Alternative Energy Mutual Fund Options
The real challenge is picking the winners out of the many alternative energy companies. One idea to consider is to hedge by investing in mutual funds or ETFs. The top alternative energy mutual funds out there, believe it or not, have a mix of renewable energy companies and fossil fuel companies. Lets face it, for the next couple of decades, the world will still be very reliant upon fossil fuels. Oil prices are on the rise, and that trend will likely continue as unrest continues in the middle east. Finding the best alternative energy funds on the market will require some diversification across different energy sources.
A couple specifically alternative energy mutual funds to look at include Allianz RCM Global Water (AWTAX) and Pax World Global Environmental Markets (PGRNX).
Alternative Energy Exchange Traded Funds (ETFs)
Alternative energy funds can come in the form of mutual funds (alternative energy mutual funds), like those offered by respected brokerage companies, or in the form of ETFs. ETFs hold a few advantages over mutual funds in my opinion. First, ETFs can be traded like any stock. They can usually be found with more specificity to which market you wish to target. For example, finding alternative energy mutual funds that only have holdings in solar power might be difficult. There are ETFs for solar energy, solar and wind power, wind and hydroelectric power, and so on. ETFs also don’t have the fees that are associated with mutual funds.

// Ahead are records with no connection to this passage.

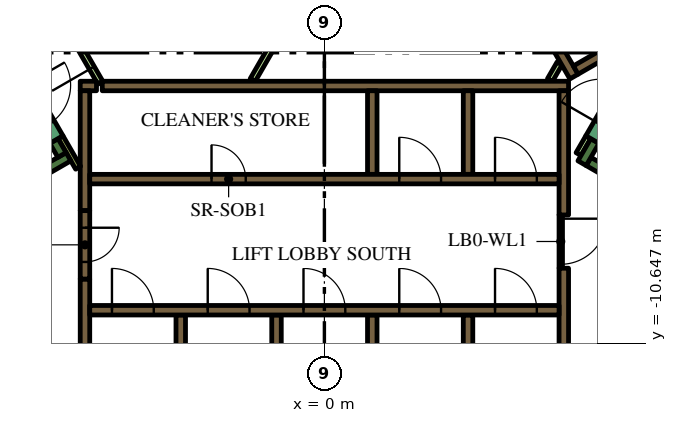
"""IFC4 building model, lengths in metres.
Left out: names, types, materials, properties, quantities, classifications, styles, units other than length and angle.
Written with IfcOpenShell. Run it as: python <this file> out.ifc"""

import sys

from ifc_helpers import new_model, si_unit, direction, frame, frame_2d, origin, place, context, subcontext, project, spatial, polyline, rectangle, outline, extrude, element, fill, save


model = new_model("IFC4")
c1 = context("Model", 3, precision=1e-05, world=origin(), true_north=direction((0.0, 1.0)))
c2 = subcontext(c1, "Body", "Model", "MODEL_VIEW")
j1 = project(units=[si_unit("LENGTHUNIT", "METRE"), si_unit("PLANEANGLEUNIT", "RADIAN")], contexts=[c1])
p1 = place(None, origin())
s1 = spatial("IfcSite", under=j1, at=p1, CompositionType="ELEMENT")
p2 = place(p1, origin())
s2 = spatial("IfcBuilding", under=s1, at=p2, CompositionType="ELEMENT")
p3 = place(p2, frame((0.0, 0.0, 83.7)))
s3 = spatial("IfcBuildingStorey", under=s2, at=p3, CompositionType="ELEMENT", Elevation=83.7)
p4 = place(p3, frame((6.776, 13.364, 0.0), z_axis=(0.0, 0.0, 1.0), x_axis=(0.500004177138, -0.8660229921, 0.0)))
e1 = element("IfcWall", 1, at=p4, inside=s3, PredefinedType="SOLIDWALL", context=c2, shape_type="SweptSolid", body=[
    extrude(rectangle(XDim=20.204, YDim=0.9, at=frame_2d((10.102, 0.0))), origin(), (0.0, 0.0, 1.0), 3.9),
])
p5 = place(p3, frame((12.84, -9.261, 0.0), z_axis=(0.0, 0.0, 1.0), x_axis=(-0.866013990052, 0.500019768644, 0.0)))
e2 = element("IfcWall", 2, at=p5, inside=s3, PredefinedType="SOLIDWALL", context=c2, shape_type="SweptSolid", body=[
    extrude(rectangle(XDim=6.8, YDim=0.25, at=frame_2d((3.4, 0.0))), origin(), (0.0, 0.0, 1.0), 3.9),
])
p6 = place(p3, frame((6.78, -5.906, 0.0), z_axis=(0.0, 0.0, 1.0), x_axis=(0.500223362819, 0.865896406789, 0.0)))
e3 = element("IfcWall", 3, at=p6, inside=s3, PredefinedType="SOLIDWALL", context=c2, shape_type="SweptSolid", body=[
    extrude(rectangle(XDim=0.675, YDim=0.25, at=frame_2d((0.337, 0.0))), origin(), (0.0, 0.0, 1.0), 3.9),
])
p7 = place(p3, frame((-12.84, -9.261, 0.0), z_axis=(0.0, 0.0, 1.0), x_axis=(0.866016039709, 0.500016218704, 0.0)))
e4 = element("IfcWall", 4, at=p7, inside=s3, PredefinedType="SOLIDWALL", context=c2, shape_type="SweptSolid", body=[
    extrude(rectangle(XDim=7.05, YDim=0.25, at=frame_2d((3.525, 0.0))), origin(), (0.0, 0.0, 1.0), 3.9),
])
p8 = place(p3, frame((-6.905, -5.69, 0.0), z_axis=(0.0, 0.0, 1.0), x_axis=(-0.500402024738, 0.865793170242, 0.0)))
e5 = element("IfcWall", 5, at=p8, inside=s3, PredefinedType="SOLIDWALL", context=c2, shape_type="SweptSolid", body=[
    extrude(rectangle(XDim=0.425, YDim=0.25, at=frame_2d((0.212, 0.0))), origin(), (0.0, 0.0, 1.0), 3.9),
])
p9 = place(p3, frame((-3.78, -12.1, 0.0), z_axis=(0.0, 0.0, 1.0), x_axis=(0.0, 1.0, 0.0)))
e6 = element("IfcWall", 6, at=p9, inside=s3, PredefinedType="SOLIDWALL", context=c2, shape_type="SweptSolid", body=[
    extrude(rectangle(XDim=2.2, YDim=0.25, at=frame_2d((1.1, 0.0))), origin(), (0.0, 0.0, 1.0), 3.9),
])
p10 = place(p3, frame((-6.3, -12.1, 0.0), z_axis=(0.0, 0.0, 1.0), x_axis=(0.0, 1.0, 0.0)))
e7 = element("IfcWall", 7, at=p10, inside=s3, PredefinedType="SOLIDWALL", context=c2, shape_type="SweptSolid", body=[
    extrude(rectangle(XDim=3.146, YDim=0.25, at=frame_2d((1.573, 0.0))), origin(), (0.0, 0.0, 1.0), 3.9),
])
p11 = place(p3, frame((-5.845, -3.875, 0.0), z_axis=(0.0, 0.0, 1.0), x_axis=(1.0, 0.0, 0.0)))
e8 = element("IfcWall", 8, at=p11, inside=s3, PredefinedType="SOLIDWALL", context=c2, shape_type="SweptSolid", body=[
    extrude(rectangle(XDim=12.27, YDim=0.25, at=frame_2d((6.135, 0.0))), origin(), (0.0, 0.0, 1.0), 3.9),
])
p12 = place(p3, frame((-6.425, -3.875, 0.0), z_axis=(0.0, 0.0, 1.0), x_axis=(1.0, 0.0, 0.0)))
e9 = element("IfcWall", 9, at=p12, inside=s3, PredefinedType="SOLIDWALL", context=c2, shape_type="SweptSolid", body=[
    extrude(rectangle(XDim=0.428, YDim=0.25, at=frame_2d((0.214, 0.0))), origin(), (0.0, 0.0, 1.0), 3.9),
])
p13 = place(p3, frame((6.3, -8.67, 0.0), z_axis=(0.0, 0.0, 1.0), x_axis=(0.0, -1.0, 0.0)))
e10 = element("IfcWall", 10, at=p13, inside=s3, PredefinedType="SOLIDWALL", context=c2, shape_type="SweptSolid", body=[
    extrude(rectangle(XDim=3.43, YDim=0.25, at=frame_2d((1.715, 0.0))), origin(), (0.0, 0.0, 1.0), 3.9),
])
p14 = place(p3, frame((6.3, -7.268, 0.0), z_axis=(0.0, 0.0, 1.0), x_axis=(0.0, 1.0, 0.0)))
e11 = element("IfcWall", 11, at=p14, inside=s3, PredefinedType="SOLIDWALL", context=c2, shape_type="SweptSolid", body=[
    extrude(rectangle(XDim=3.268, YDim=0.25, at=frame_2d((1.634, 0.0))), origin(), (0.0, 0.0, 1.0), 3.9),
])
for number, where, z_axis, x_axis in (
    (12, (3.78, -4.0, 0.0), (0.0, 0.0, 1.0), (0.0, -1.0, 0.0)),
    (13, (1.26, -4.0, 0.0), (0.0, 0.0, 1.0), (0.0, -1.0, 0.0)),
):
    element("IfcWall", number, at=place(p3, frame(where, z_axis=z_axis, x_axis=x_axis)), inside=s3, PredefinedType="SOLIDWALL", context=c2, shape_type="SweptSolid", body=[
        extrude(rectangle(XDim=2.2, YDim=0.25, at=frame_2d((1.1, 0.0))), origin(), (0.0, 0.0, 1.0), 3.9),
    ])
p15 = place(p3, frame((-6.3, -4.0, 0.0), z_axis=(0.0, 0.0, 1.0), x_axis=(0.0, -1.0, 0.0)))
e14 = element("IfcWall", 14, at=p15, inside=s3, PredefinedType="SOLIDWALL", context=c2, shape_type="SweptSolid", body=[
    extrude(rectangle(XDim=3.154, YDim=0.25, at=frame_2d((1.577, 0.0))), origin(), (0.0, 0.0, 1.0), 3.9),
])
for number, where, z_axis, x_axis in (
    (15, (3.78, -12.1, 0.0), (0.0, 0.0, 1.0), (0.0, 1.0, 0.0)),
    (16, (1.26, -12.1, 0.0), (0.0, 0.0, 1.0), (0.0, 1.0, 0.0)),
    (17, (-1.26, -12.1, 0.0), (0.0, 0.0, 1.0), (0.0, 1.0, 0.0)),
):
    element("IfcWall", number, at=place(p3, frame(where, z_axis=z_axis, x_axis=x_axis)), inside=s3, PredefinedType="SOLIDWALL", context=c2, shape_type="SweptSolid", body=[
        extrude(rectangle(XDim=2.2, YDim=0.25, at=frame_2d((1.1, 0.0))), origin(), (0.0, 0.0, 1.0), 3.9),
    ])
p16 = place(p3, origin())
e18 = element("IfcWall", 18, at=p16, inside=s3, PredefinedType="SOLIDWALL", context=c2, shape_type="SweptSolid", body=[
    extrude(outline(polyline([(0.335, 6.925), (0.335, 7.075), (0.335, 7.075), (0.335, 7.075), (0.245, 7.075), (0.079, 7.363), (0.035, 7.439), (0.252, 7.564), (0.377, 7.348), (6.552, -3.348), (6.677, -3.564), (6.46, -3.689), (4.897, -0.981), (0.332, 6.925), (0.335, 6.925), (0.335, 6.925), (0.335, 6.925)])), origin(), (0.0, 0.0, 1.0), 3.9),
])
p17 = place(p3, frame((6.614, -3.456, 0.0), z_axis=(0.0, 0.0, 1.0), x_axis=(0.86602447079, 0.500001615989, 0.0)))
e19 = element("IfcWall", 19, at=p17, inside=s3, PredefinedType="SOLIDWALL", context=c2, shape_type="SweptSolid", body=[
    extrude(rectangle(XDim=3.154, YDim=0.25, at=frame_2d((1.577, 0.0))), origin(), (0.0, 0.0, 1.0), 3.9),
])
p18 = place(p3, frame((-6.48, -6.027, 0.0), z_axis=(0.0, 0.0, 1.0), x_axis=(-0.499927229454, 0.866067413802, 0.0)))
e20 = element("IfcWall", 20, at=p18, inside=s3, PredefinedType="PARTITIONING", context=c2, shape_type="SweptSolid", body=[
    extrude(rectangle(XDim=0.929, YDim=0.15, at=frame_2d((0.464, 0.0))), origin(), (0.0, 0.0, 1.0), 3.9),
])
p19 = place(p3, frame((6.945, -5.222, 0.0), z_axis=(0.0, 0.0, 1.0), x_axis=(-0.499818422106, -0.866130212453, 0.0)))
e21 = element("IfcWall", 21, at=p19, inside=s3, PredefinedType="PARTITIONING", context=c2, shape_type="SweptSolid", body=[
    extrude(rectangle(XDim=0.514, YDim=0.15, at=frame_2d((0.257, 0.0))), origin(), (0.0, 0.0, 1.0), 2.75),
])
p20 = place(p3, frame((5.936, -3.718, 0.0), z_axis=(0.0, 0.0, 1.0), x_axis=(0.499890179513, 0.866088799389, 0.0)))
e22 = element("IfcWall", 22, at=p20, inside=s3, PredefinedType="PARTITIONING", context=c2, shape_type="SweptSolid", body=[
    extrude(rectangle(XDim=0.504, YDim=0.15, at=frame_2d((0.252, 0.0))), origin(), (0.0, 0.0, 1.0), 2.75),
])
p21 = place(p3, frame((-1.887, -3.718, 0.0), z_axis=(0.0, 0.0, 1.0), x_axis=(0.500033287521, 0.866006184372, 0.0)))
e23 = element("IfcWall", 23, at=p21, inside=s3, PredefinedType="PARTITIONING", context=c2, shape_type="SweptSolid", body=[
    extrude(rectangle(XDim=3.263, YDim=0.15, at=frame_2d((1.632, 0.0))), origin(), (0.0, 0.0, 1.0), 2.75),
])
p22 = place(p3, frame((-6.175, -9.775, 0.0), z_axis=(0.0, 0.0, 1.0), x_axis=(1.0, 0.0, 0.0)))
e24 = element("IfcWall", 24, at=p22, inside=s3, PredefinedType="SOLIDWALL", context=c2, shape_type="SweptSolid", body=[
    extrude(rectangle(XDim=12.35, YDim=0.25, at=frame_2d((6.175, 0.0))), origin(), (0.0, 0.0, 1.0), 3.9),
])
p23 = place(p22, frame((0.585, 0.0, 0.0)))
e25 = element("IfcOpeningElement", 25, at=p23, cuts=e24, PredefinedType="OPENING", context=c2, shape_type="SweptSolid", body=[
    extrude(rectangle(XDim=1.1, YDim=2.1, at=frame_2d((0.55, 1.05))), frame((0.0, 0.135, 0.0), z_axis=(0.0, -1.0, 0.0), x_axis=(1.0, 0.0, 0.0)), (0.0, 0.0, 1.0), 0.27),
])
p24 = place(p22, frame((3.105, 0.0, 0.0)))
e26 = element("IfcOpeningElement", 26, at=p24, cuts=e24, PredefinedType="OPENING", context=c2, shape_type="SweptSolid", body=[
    extrude(rectangle(XDim=1.1, YDim=2.1, at=frame_2d((0.55, 1.05))), frame((0.0, 0.135, 0.0), z_axis=(0.0, -1.0, 0.0), x_axis=(1.0, 0.0, 0.0)), (0.0, 0.0, 1.0), 0.27),
])
p25 = place(p22, frame((5.625, 0.0, 0.0)))
e27 = element("IfcOpeningElement", 27, at=p25, cuts=e24, PredefinedType="OPENING", context=c2, shape_type="SweptSolid", body=[
    extrude(rectangle(XDim=1.1, YDim=2.1, at=frame_2d((0.55, 1.05))), frame((0.0, 0.135, 0.0), z_axis=(0.0, -1.0, 0.0), x_axis=(1.0, 0.0, 0.0)), (0.0, 0.0, 1.0), 0.27),
])
p26 = place(p22, frame((8.145, 0.0, 0.0)))
e28 = element("IfcOpeningElement", 28, at=p26, cuts=e24, PredefinedType="OPENING", context=c2, shape_type="SweptSolid", body=[
    extrude(rectangle(XDim=1.1, YDim=2.1, at=frame_2d((0.55, 1.05))), frame((0.0, 0.135, 0.0), z_axis=(0.0, -1.0, 0.0), x_axis=(1.0, 0.0, 0.0)), (0.0, 0.0, 1.0), 0.27),
])
p27 = place(p22, frame((10.665, 0.0, 0.0)))
e29 = element("IfcOpeningElement", 29, at=p27, cuts=e24, PredefinedType="OPENING", context=c2, shape_type="SweptSolid", body=[
    extrude(rectangle(XDim=1.1, YDim=2.1, at=frame_2d((0.55, 1.05))), frame((0.0, 0.135, 0.0), z_axis=(0.0, -1.0, 0.0), x_axis=(1.0, 0.0, 0.0)), (0.0, 0.0, 1.0), 0.27),
])
p28 = place(p3, frame((-6.175, -6.325, 0.0), z_axis=(0.0, 0.0, 1.0), x_axis=(1.0, 0.0, 0.0)))
e30 = element("IfcWall", 30, at=p28, inside=s3, PredefinedType="SOLIDWALL", context=c2, shape_type="SweptSolid", body=[
    extrude(rectangle(XDim=12.35, YDim=0.25, at=frame_2d((6.175, 0.0))), origin(), (0.0, 0.0, 1.0), 3.9),
])
p29 = place(p28, frame((3.205, 0.0, 0.0)))
e31 = element("IfcOpeningElement", 31, at=p29, cuts=e30, PredefinedType="OPENING", context=c2, shape_type="SweptSolid", body=[
    extrude(rectangle(XDim=0.9, YDim=2.1, at=frame_2d((0.45, 1.05))), frame((0.0, 0.135, 0.0), z_axis=(0.0, -1.0, 0.0), x_axis=(1.0, 0.0, 0.0)), (0.0, 0.0, 1.0), 0.27),
])
p30 = place(p28, frame((8.145, 0.0, 0.0)))
e32 = element("IfcOpeningElement", 32, at=p30, cuts=e30, PredefinedType="OPENING", context=c2, shape_type="SweptSolid", body=[
    extrude(rectangle(XDim=1.1, YDim=2.1, at=frame_2d((0.55, 1.05))), frame((0.0, 0.135, 0.0), z_axis=(0.0, -1.0, 0.0), x_axis=(1.0, 0.0, 0.0)), (0.0, 0.0, 1.0), 0.27),
])
p31 = place(p28, frame((10.665, 0.0, 0.0)))
e33 = element("IfcOpeningElement", 33, at=p31, cuts=e30, PredefinedType="OPENING", context=c2, shape_type="SweptSolid", body=[
    extrude(rectangle(XDim=1.1, YDim=2.1, at=frame_2d((0.55, 1.05))), frame((0.0, 0.135, 0.0), z_axis=(0.0, -1.0, 0.0), x_axis=(1.0, 0.0, 0.0)), (0.0, 0.0, 1.0), 0.27),
])
p32 = place(p3, frame((7.053, -5.284, 0.0), z_axis=(0.0, 0.0, 1.0), x_axis=(0.500078061341, 0.865980330357, 0.0)))
e34 = element("IfcWall", 34, at=p32, inside=s3, PredefinedType="SOLIDWALL", context=c2, shape_type="SweptSolid", body=[
    extrude(rectangle(XDim=2.1, YDim=0.4, at=frame_2d((1.05, 0.0))), origin(), (0.0, 0.0, 1.0), 3.9),
])
p33 = place(p32, frame((0.45, 0.0, 0.0)))
e35 = element("IfcOpeningElement", 35, at=p33, cuts=e34, PredefinedType="OPENING", context=c2, shape_type="SweptSolid", body=[
    extrude(rectangle(XDim=1.2, YDim=2.1, at=frame_2d((0.6, 1.05))), frame((0.0, 0.21, 0.0), z_axis=(0.0, -1.0, 0.0), x_axis=(1.0, 0.0, 0.0)), (0.0, 0.0, 1.0), 0.42),
])
p34 = place(p3, frame((-8.103, -3.466, 0.0), z_axis=(0.0, 0.0, 1.0), x_axis=(0.500078061341, -0.865980330357, 0.0)))
e36 = element("IfcWall", 36, at=p34, inside=s3, PredefinedType="SOLIDWALL", context=c2, shape_type="SweptSolid", body=[
    extrude(rectangle(XDim=2.1, YDim=0.4, at=frame_2d((1.05, 0.0))), origin(), (0.0, 0.0, 1.0), 3.9),
])
p35 = place(p34, frame((0.45, 0.0, 0.0)))
e37 = element("IfcOpeningElement", 37, at=p35, cuts=e36, PredefinedType="OPENING", context=c2, shape_type="SweptSolid", body=[
    extrude(rectangle(XDim=1.2, YDim=2.1, at=frame_2d((0.6, 1.05))), frame((0.0, 0.21, 0.0), z_axis=(0.0, -1.0, 0.0), x_axis=(1.0, 0.0, 0.0)), (0.0, 0.0, 1.0), 0.42),
])
p36 = place(p3, frame((-6.3, -7.154, 0.0), z_axis=(0.0, 0.0, 1.0), x_axis=(0.0, -1.0, 0.0)))
e38 = element("IfcWall", 38, at=p36, inside=s3, PredefinedType="SOLIDWALL", context=c2, shape_type="SweptSolid", body=[
    extrude(rectangle(XDim=1.8, YDim=0.25, at=frame_2d((0.9, 0.0))), origin(), (0.0, 0.0, 1.0), 3.9),
])
p37 = place(p36, frame((0.45, 0.0, 0.0)))
e39 = element("IfcOpeningElement", 39, at=p37, cuts=e38, PredefinedType="OPENING", context=c2, shape_type="SweptSolid", body=[
    extrude(rectangle(XDim=0.9, YDim=2.1, at=frame_2d((0.45, 1.05))), frame((0.0, 0.135, 0.0), z_axis=(0.0, -1.0, 0.0), x_axis=(1.0, 0.0, 0.0)), (0.0, 0.0, 1.0), 0.27),
])
p38 = place(p3, frame((-5.895, -3.79, 0.0), z_axis=(0.0, 0.0, 1.0), x_axis=(-0.49994051562, 0.866059744384, 0.0)))
e40 = element("IfcWall", 40, at=p38, inside=s3, PredefinedType="PARTITIONING", context=c2, shape_type="SweptSolid", body=[
    extrude(rectangle(XDim=2.1, YDim=0.15, at=frame_2d((1.05, 0.0))), origin(), (0.0, 0.0, 1.0), 2.75),
])
p39 = place(p38, frame((0.45, 0.0, 0.0)))
e41 = element("IfcOpeningElement", 41, at=p39, cuts=e40, PredefinedType="OPENING", context=c2, shape_type="SweptSolid", body=[
    extrude(rectangle(XDim=1.2, YDim=2.1, at=frame_2d((0.6, 1.05))), frame((0.0, 0.085, 0.0), z_axis=(0.0, -1.0, 0.0), x_axis=(1.0, 0.0, 0.0)), (0.0, 0.0, 1.0), 0.17),
])
p40 = place(p3, frame((6.22, -7.266, 0.0), z_axis=(0.0, 0.0, 1.0), x_axis=(0.0, -1.0, 0.0)))
e42 = element("IfcWall", 42, at=p40, inside=s3, PredefinedType="PARTITIONING", context=c2, shape_type="SweptSolid", body=[
    extrude(rectangle(XDim=1.4, YDim=0.09, at=frame_2d((0.7, 0.0))), origin(), (0.0, 0.0, 1.0), 2.75),
])
p41 = place(p40, frame((0.1, 0.0, 0.0)))
e43 = element("IfcOpeningElement", 43, at=p41, cuts=e42, PredefinedType="OPENING", context=c2, shape_type="SweptSolid", body=[
    extrude(rectangle(XDim=1.2, YDim=2.1, at=frame_2d((0.6, 1.05))), frame((0.0, 0.055, 0.0), z_axis=(0.0, -1.0, 0.0), x_axis=(1.0, 0.0, 0.0)), (0.0, 0.0, 1.0), 0.11),
])
p42 = place(p3, frame((6.163, 18.475, 0.0), z_axis=(0.0, 0.0, 1.0), x_axis=(0.500001317485, -0.866024643133, 0.0)))
e44 = element("IfcWall", 44, at=p42, inside=s3, PredefinedType="PARTITIONING", context=c2, shape_type="SweptSolid", body=[
    extrude(rectangle(XDim=25.767, YDim=0.15, at=frame_2d((12.883, 0.0))), origin(), (0.0, 0.0, 1.0), 2.75),
])
p43 = place(p42, frame((24.241, 0.0, 0.0)))
e45 = element("IfcOpeningElement", 45, at=p43, cuts=e44, PredefinedType="OPENING", context=c2, shape_type="SweptSolid", body=[
    extrude(rectangle(XDim=1.0, YDim=2.1, at=frame_2d((0.5, 1.05))), frame((0.0, 0.085, 0.0), z_axis=(0.0, -1.0, 0.0), x_axis=(1.0, 0.0, 0.0)), (0.0, 0.0, 1.0), 0.17),
])
p44 = place(p42, frame((13.144, 0.0, 0.0)))
e46 = element("IfcOpeningElement", 46, at=p44, cuts=e44, PredefinedType="OPENING", context=c2, shape_type="SweptSolid", body=[
    extrude(rectangle(XDim=1.0, YDim=2.1, at=frame_2d((0.5, 1.05))), frame((0.0, 0.085, 0.0), z_axis=(0.0, -1.0, 0.0), x_axis=(1.0, 0.0, 0.0)), (0.0, 0.0, 1.0), 0.17),
])
p45 = place(p42, frame((10.874, 0.0, 0.0)))
e47 = element("IfcOpeningElement", 47, at=p45, cuts=e44, PredefinedType="OPENING", context=c2, shape_type="SweptSolid", body=[
    extrude(rectangle(XDim=0.9, YDim=2.1, at=frame_2d((0.45, 1.05))), frame((0.0, 0.085, 0.0), z_axis=(0.0, -1.0, 0.0), x_axis=(1.0, 0.0, 0.0)), (0.0, 0.0, 1.0), 0.17),
])
p46 = place(p42, frame((3.718, 0.0, 0.0)))
e48 = element("IfcOpeningElement", 48, at=p46, cuts=e44, PredefinedType="OPENING", context=c2, shape_type="SweptSolid", body=[
    extrude(rectangle(XDim=1.1, YDim=2.1, at=frame_2d((0.55, 1.05))), frame((0.0, 0.085, 0.0), z_axis=(0.0, -1.0, 0.0), x_axis=(1.0, 0.0, 0.0)), (0.0, 0.0, 1.0), 0.17),
])
p47 = place(p42, frame((2.411, 0.0, 0.0)))
e49 = element("IfcOpeningElement", 49, at=p47, cuts=e44, PredefinedType="OPENING", context=c2, shape_type="SweptSolid", body=[
    extrude(rectangle(XDim=1.0, YDim=2.1, at=frame_2d((0.5, 1.05))), frame((0.0, 0.085, 0.0), z_axis=(0.0, -1.0, 0.0), x_axis=(1.0, 0.0, 0.0)), (0.0, 0.0, 1.0), 0.17),
])
p48 = place(p3, frame((-19.081, -3.9, 0.0), z_axis=(0.0, 0.0, 1.0), x_axis=(0.499998313975, 0.866026377209, 0.0)))
e50 = element("IfcWall", 50, at=p48, inside=s3, PredefinedType="PARTITIONING", context=c2, shape_type="SweptSolid", body=[
    extrude(rectangle(XDim=25.766, YDim=0.15, at=frame_2d((12.883, 0.0))), origin(), (0.0, 0.0, 1.0), 2.75),
])
p49 = place(p48, frame((19.306, 0.0, 0.0)))
e51 = element("IfcOpeningElement", 51, at=p49, cuts=e50, PredefinedType="OPENING", context=c2, shape_type="SweptSolid", body=[
    extrude(rectangle(XDim=1.0, YDim=2.1, at=frame_2d((0.5, 1.05))), frame((0.0, 0.085, 0.0), z_axis=(0.0, -1.0, 0.0), x_axis=(1.0, 0.0, 0.0)), (0.0, 0.0, 1.0), 0.17),
])
p50 = place(p48, frame((18.0, 0.0, 0.0)))
e52 = element("IfcOpeningElement", 52, at=p50, cuts=e50, PredefinedType="OPENING", context=c2, shape_type="SweptSolid", body=[
    extrude(rectangle(XDim=1.0, YDim=2.1, at=frame_2d((0.5, 1.05))), frame((0.0, 0.085, 0.0), z_axis=(0.0, -1.0, 0.0), x_axis=(1.0, 0.0, 0.0)), (0.0, 0.0, 1.0), 0.17),
])
p51 = place(p48, frame((10.874, 0.0, 0.0)))
e53 = element("IfcOpeningElement", 53, at=p51, cuts=e50, PredefinedType="OPENING", context=c2, shape_type="SweptSolid", body=[
    extrude(rectangle(XDim=0.9, YDim=2.1, at=frame_2d((0.45, 1.05))), frame((0.0, 0.085, 0.0), z_axis=(0.0, -1.0, 0.0), x_axis=(1.0, 0.0, 0.0)), (0.0, 0.0, 1.0), 0.17),
])
p52 = place(p48, frame((8.548, 0.0, 0.0)))
e54 = element("IfcOpeningElement", 54, at=p52, cuts=e50, PredefinedType="OPENING", context=c2, shape_type="SweptSolid", body=[
    extrude(rectangle(XDim=1.1, YDim=2.1, at=frame_2d((0.55, 1.05))), frame((0.0, 0.085, 0.0), z_axis=(0.0, -1.0, 0.0), x_axis=(1.0, 0.0, 0.0)), (0.0, 0.0, 1.0), 0.17),
])
p53 = place(p48, frame((0.18, 0.0, 0.0)))
e55 = element("IfcOpeningElement", 55, at=p53, cuts=e50, PredefinedType="OPENING", context=c2, shape_type="SweptSolid", body=[
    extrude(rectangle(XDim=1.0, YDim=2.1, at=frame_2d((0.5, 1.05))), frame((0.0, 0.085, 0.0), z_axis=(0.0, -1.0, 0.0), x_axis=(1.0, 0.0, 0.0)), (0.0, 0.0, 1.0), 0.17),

Some ETFs in this sector to look at include the First Trust NASDAQ Clean Edge Smart Grid Infrastructure Index Fund (GRID) and the PowerShares WilderHill Progressive Energy Portfolio (PUW).
Whether you like the prestige of mutual funds, or the specificity of ETFs, the political correctness of renewable energy or the availability of fossil fuels, don’t overlook energy in your portfolio. Alternative energy is an up and coming sector in the market, and the next couple of decades will bring many changes. Make the right decisions now and you could definitely score large profit margins from the certain shift in the tide.